Some Bishops and priests could not understand the Sisters’ way of life and tried to have them change it. Mary believed that God was calling her to live according to the rule of life she had adopted when she made her vows and felt she could not change. Consequently Bishop Sheil excommunicated her in 1871 from the Church and tried to disband the sisters. He soon regretted his action, removed the sentence after five months and allowed the sisters to reassemble and resume their good work. 
 
At thirty-one Mary travelled to Rome to present the Rule for papal approval. Roman authorities made major changes regarding the way the sisters should live poverty. Father Woods could not accept these changes and he and Mary became estranged.

 

During this time the Order expanded to the dioceses of Bathurst and Queensland. The local bishops refused to accept that Mary governed the Order from Adelaide. With deep regret shewithdrew the sisters from these places. As a result, the Order expanded into New South Wales and New Zealand. 
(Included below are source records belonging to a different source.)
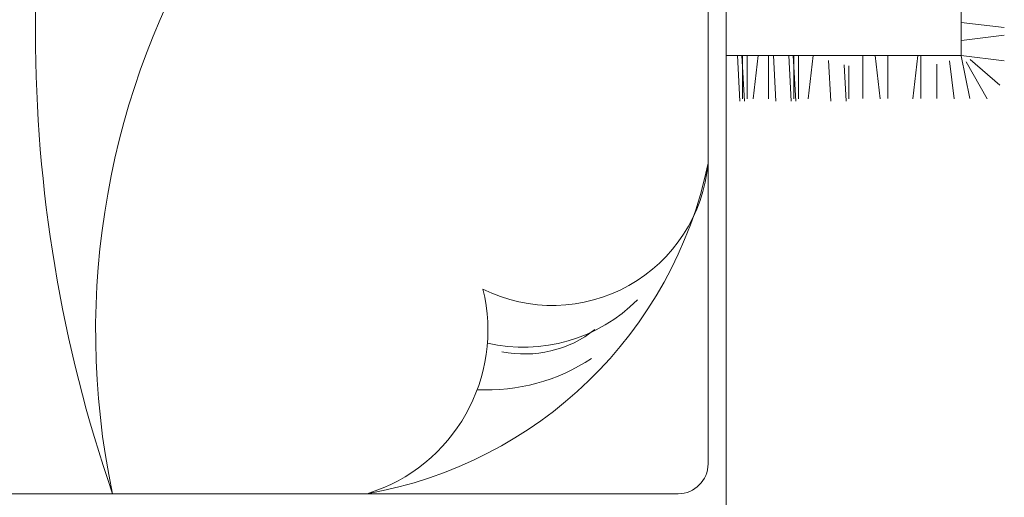
# Model space of a CAD drawing. Units: inches. Extents: x -638 to 186, y -762 to 59.
# Tile 7 of 31: x -140 to -101, y -511 to -492. Entities that reach past the tile are written whole.
import ezdxf

# ---------------------------------------------------------------- set-up
doc = ezdxf.new("R2010")
doc.units = ezdxf.units.IN
doc.layers.add('furn', color=8, linetype='Continuous', lineweight=13)

# ---------------------------------------------------------------- blocks, each defined once
blk = doc.blocks.new('BED-DOUBLE-WITH-NIGHTSTANDS')
for p, q in [((20.878, 58.468), (20.878, 13.164)), ((22.077, 11.964), (56.628, 11.964)), ((20.158, 11.244), (58.548, 11.244)), ((38.435, 1.829), (38.435, 11.244)), ((38.435, 10.789), (36.606, 10.687)), ((38.435, 10.606), (36.606, 10.504)), ((38.435, 10.585), (36.707, 10.585)), ((38.435, 10.402), (36.707, 10.402)), ((38.435, 9.957), (36.707, 10.161)), ((38.435, 9.55), (36.707, 9.55)), ((38.435, 9.347), (36.606, 9.245)), ((38.435, 8.736), (36.606, 8.634)), ((38.435, 8.553), (36.606, 8.451)), ((38.435, 8.532), (36.707, 8.532)), ((38.435, 8.349), (36.707, 8.349)), ((38.435, 7.757), (36.707, 7.961)), ((38.233, 7.135), (36.606, 7.044)), ((38.06, 6.514), (36.606, 6.433)), ((38.024, 6.332), (36.707, 6.332)), ((38.435, 5.764), (36.71, 5.764)), ((38.435, 5.274), (36.707, 5.069)), ((38.435, 4.769), (36.71, 4.769)), ((38.435, 3.565), (36.707, 3.769)), ((38.435, 3.446), (36.71, 3.446)), ((38.086, 2.81), (36.71, 2.81)), ((38.221, 2.295), (36.707, 2.115)), ((38.185, 1.631), (36.707, 0.792)), ((38.421, 1.829), (36.71, 1.486)), ((38.435, 1.829), (38.231, 0.102)), ((68.982, 1.829), (38.435, 1.829)), ((39.046, 1.815), (39.249, 0.102)), ((39.759, 1.829), (39.555, 0.102)), ((38.274, 1.47), (37.248, 0.275))]:
    blk.add_line(p, q)
for centre, radius, start, end in [((39.353, -18.016), 56.914, 71.0577, 108.9423), ((27.358, 4.824), 31.662, 15.7708, 101.8099), ((37.529, 28.521), 16.903, 189.9106, 258.3834), ((27.435, 27.646), 6.865, 197.236, 283.8635), ((32.674, 20.841), 7.64, 177.2247, 213.4103), ((34.672, 18.19), 6.25, 153.4835, 264.9765), ((33.202, 19.362), 6.454, 167.1156, 225.1048), ((30.992, 19.307), 4.516, 168.3591, 218.5338), ((22.077, 13.164), 1.2, 180, 270)]:
    blk.add_arc(centre, radius, start, end)

msp = doc.modelspace()

# ---------------------------------------------------------------- block references
at = {"layer": 'furn', "rotation": 90.00000000000017}
msp.add_blockref('BED-DOUBLE-WITH-NIGHTSTANDS', (-100.575, -532.203), dxfattribs=at)

doc.saveas('drawing.dxf')
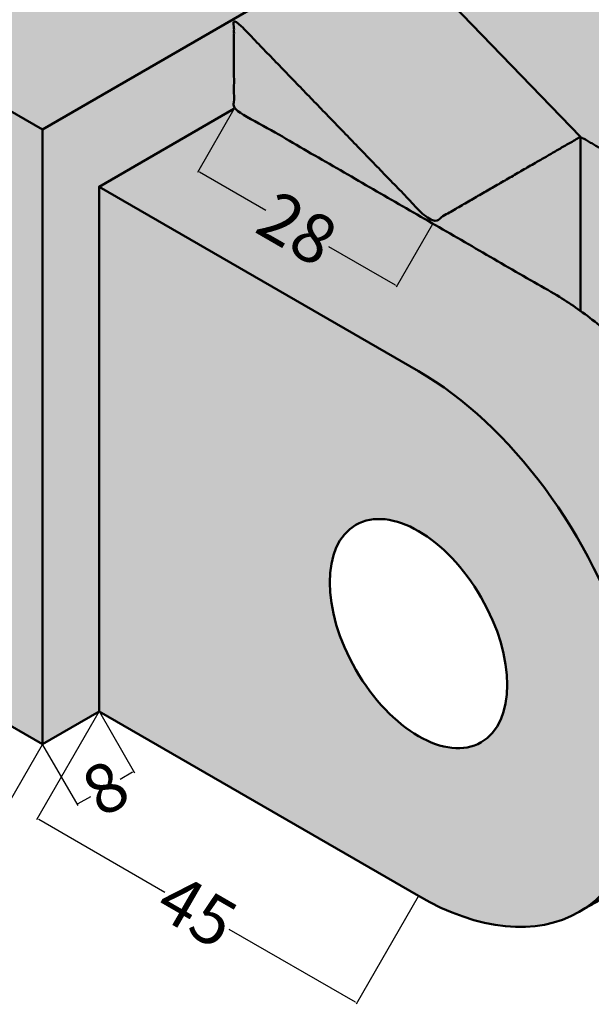
# Model space of a CAD drawing. Units: millimetres. Extents: x -24 to 183, y 0 to 191.
# Tile 1 of 1: x 51 to 120.7, y -0.5 to 119.6. Entities that reach past the tile are written whole.
import ezdxf

# ---------------------------------------------------------------- set-up
doc = ezdxf.new("R2010")
doc.units = ezdxf.units.MM
doc.header["$MEASUREMENT"] = 0
for name, color, linetype, lineweight in [('M-DIMS', 2, 'Continuous', 25), ('M-HATC', 7, 'Continuous', 18), ('M-OUTL', 7, 'Continuous', 50)]:
    doc.layers.add(name, color=color, linetype=linetype, lineweight=lineweight)
doc.styles.get("Standard").update_dxf_attribs({"font": 'arial.ttf'})
doc.dimstyles.get("Standard").update_dxf_attribs({"dimtxt": 6, "dimasz": 0.18, "dimexe": 0.18, "dimexo": 0.0625, "dimgap": 0.09, "dimtad": 0, "dimtoh": 1, "dimdec": 0, "dimzin": 0, "dimdsep": 46, "dimtxsty": 'Standard', "dimcen": 0.09, "dimadec": 0, "dimazin": 0, "dimtfac": 1, "dimtdec": 0, "dimtofl": 0, "dimtmove": 0, "dimatfit": 3, "dimfxl": 1, "dimtolj": 1, "dimtzin": 0, "dimarcsym": 0})

# ---------------------------------------------------------------- blocks, each defined once
blk = doc.blocks.new('*D2')
at = {"layer": 'Defpoints', "color": 0, "transparency": 16777216}
for p in [(77.13283570151157, 108.711638219327), (101.3815470074758, 94.71163821932711), (96.99877424901707, 87.1204531236477)]:
    blk.add_point(p, dxfattribs=at)
at = {"layer": 'M-DIMS', "color": 0, "lineweight": -2, "transparency": 16777216}
for p, q in [((77.10158570151157, 108.6575116315905), (72.6600629430528, 100.9645685509665)), ((72.905947515734, 101.0304531236477), (81.02518969457847, 96.34280646607608)), ((101.3502970074758, 94.65751163159058), (96.90877424901707, 86.9645685509665)), ((96.84288967633589, 87.2104531236477), (88.7236474974914, 91.89809978121934))]:
    blk.add_line(p, q, dxfattribs=at)
at = {"layer": 'M-DIMS', "color": 0, "transparency": 16777216}
for points in [[(72.920947515734, 101.0564338857612), (72.890947515734, 101.0044723615341), (72.7500629430528, 101.1204531236477)], [(96.85788967633587, 87.23643388576124), (96.82788967633587, 87.18447236153418), (96.99877424901707, 87.1204531236477)]]:
    blk.add_solid(points, dxfattribs=at)
at = {"layer": 'M-DIMS', "color": 0, "transparency": 16777216, "insert": (84.87441859603494, 94.1204531236477), "char_height": 6, "attachment_point": 5, "rotation": 330}
blk.add_mtext('\\A1;28', dxfattribs=at)
blk = doc.blocks.new('*D7')
at = {"layer": 'Defpoints', "color": 0, "transparency": 16777216}
for p in [(-0.8094506390879097, 62.71163821932709), (53.75014979933173, 31.2116382193271), (48.99750972183936, 22.97982413502221)]:
    blk.add_point(p, dxfattribs=at)
at = {"layer": 'M-DIMS', "color": 0, "lineweight": -2, "transparency": 16777216}
for p, q in [((-0.8407006390879097, 62.65751163159055), (-5.652090716580296, 54.32393956234097)), ((-5.406206143899098, 54.38982413502217), (17.90392502424746, 40.93171363024729)), ((48.84162514915816, 23.06982413502221), (25.53149398101159, 36.5279346397971)), ((53.71889979933173, 31.15751163159057), (48.90750972183936, 22.82393956234101))]:
    blk.add_line(p, q, dxfattribs=at)
at = {"layer": 'M-DIMS', "color": 0, "transparency": 16777216}
for points in [[(-5.391206143899097, 54.41580489713571), (-5.421206143899098, 54.36384337290864), (-5.562090716580296, 54.47982413502217)], [(48.85662514915816, 23.09580489713574), (48.82662514915816, 23.04384337290867), (48.99750972183936, 22.97982413502221)]]:
    blk.add_solid(points, dxfattribs=at)
at = {"layer": 'M-DIMS', "color": 0, "transparency": 16777216, "insert": (21.71770950262953, 38.72982413502219), "char_height": 6, "attachment_point": 5, "rotation": 330}
blk.add_mtext('\\A1;63', dxfattribs=at)
blk = doc.blocks.new('*D8')
at = {"layer": 'Defpoints', "color": 0, "transparency": 16777216}
for p in [(60.67835302960723, 35.21163821932709), (53.75014979933173, 31.2116382193271), (64.90447024958932, 27.89178847557638)]:
    blk.add_point(p, dxfattribs=at)
at = {"layer": 'M-DIMS', "color": 0, "lineweight": -2, "transparency": 16777216}
for p, q in [((60.70960302960724, 35.15751163159056), (64.99447024958933, 27.73590390289518)), ((53.78139979933172, 31.15751163159057), (58.06626701931381, 23.73590390289518)), ((64.74858567690812, 27.80178847557637), (63.23027655528555, 26.92519229549452)), ((58.13215159199502, 23.98178847557637), (59.65046071361759, 24.85838465565823))]:
    blk.add_line(p, q, dxfattribs=at)
at = {"layer": 'M-DIMS', "color": 0, "transparency": 16777216}
for points in [[(64.73358567690812, 27.8277692376899), (64.76358567690812, 27.77580771346284), (64.90447024958932, 27.89178847557638)], [(58.11715159199501, 24.00776923768991), (58.14715159199502, 23.95580771346284), (57.97626701931381, 23.89178847557637)]]:
    blk.add_solid(points, dxfattribs=at)
at = {"layer": 'M-DIMS', "color": 0, "transparency": 16777216, "insert": (61.44036863445157, 25.89178847557637), "char_height": 6, "attachment_point": 5, "rotation": 30.000000000000025}
blk.add_mtext('\\A1;8', dxfattribs=at)
blk = doc.blocks.new('*D9')
at = {"layer": 'Defpoints', "color": 0, "transparency": 16777216}
for p in [(60.67835302960723, 35.2116382193271), (99.64949619990699, 12.7116382193271), (92.11221586893467, -0.3433142648065512)]:
    blk.add_point(p, dxfattribs=at)
at = {"layer": 'M-DIMS', "color": 0, "lineweight": -2, "transparency": 16777216}
for p, q in [((60.64710302960723, 35.15751163159057), (53.0510726986349, 22.00080116251224)), ((53.2969572713161, 22.06668573519343), (68.70298209387207, 13.1720131567487)), ((99.618246199907, 12.65751163159057), (92.02221586893467, -0.4991988374877466)), ((91.95633129625347, -0.2533142648065478), (76.55030647369747, 8.6413583136382))]:
    blk.add_line(p, q, dxfattribs=at)
at = {"layer": 'M-DIMS', "color": 0, "transparency": 16777216}
for points in [[(53.31195727131611, 22.09266649730697), (53.2819572713161, 22.0407049730799), (53.1410726986349, 22.15668573519343)], [(91.97133129625345, -0.2273335026930141), (91.94133129625345, -0.2792950269200816), (92.11221586893467, -0.3433142648065512)]]:
    blk.add_solid(points, dxfattribs=at)
at = {"layer": 'M-DIMS', "color": 0, "transparency": 16777216, "insert": (72.62664428378477, 10.90668573519344), "char_height": 6, "attachment_point": 5, "rotation": 330}
blk.add_mtext('\\A1;45', dxfattribs=at)

msp = doc.modelspace()

# ---------------------------------------------------------------- hatches: boundary and pattern name
at = {"layer": 'M-HATC'}
h = msp.add_hatch(color=256, dxfattribs=at)
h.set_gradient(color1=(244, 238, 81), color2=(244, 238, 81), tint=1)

In 1883 the Bishop of Adelaide ordered Mary to go to Sydney because he did not wish to lose control of the sisters in his diocese. This move pained her deeply but she never lost her faithand trust that she and the Order were in God’s hands. 

In 1885 the Archbishop of Sydney declared that she could no longer be superior general of the Order and appointed another sister to that position. Fourteen years later, in 1899, she was re-elected Superior General. She suffered a stroke in 1902 and died in North Sydney on 8 August 1909, aged 67 years. She was beatified by Pope John Paul II on 19 January 1995.

God’s Will was her guiding light and she believed that the Sisters of St Joseph should never see an evil without trying to do something about it.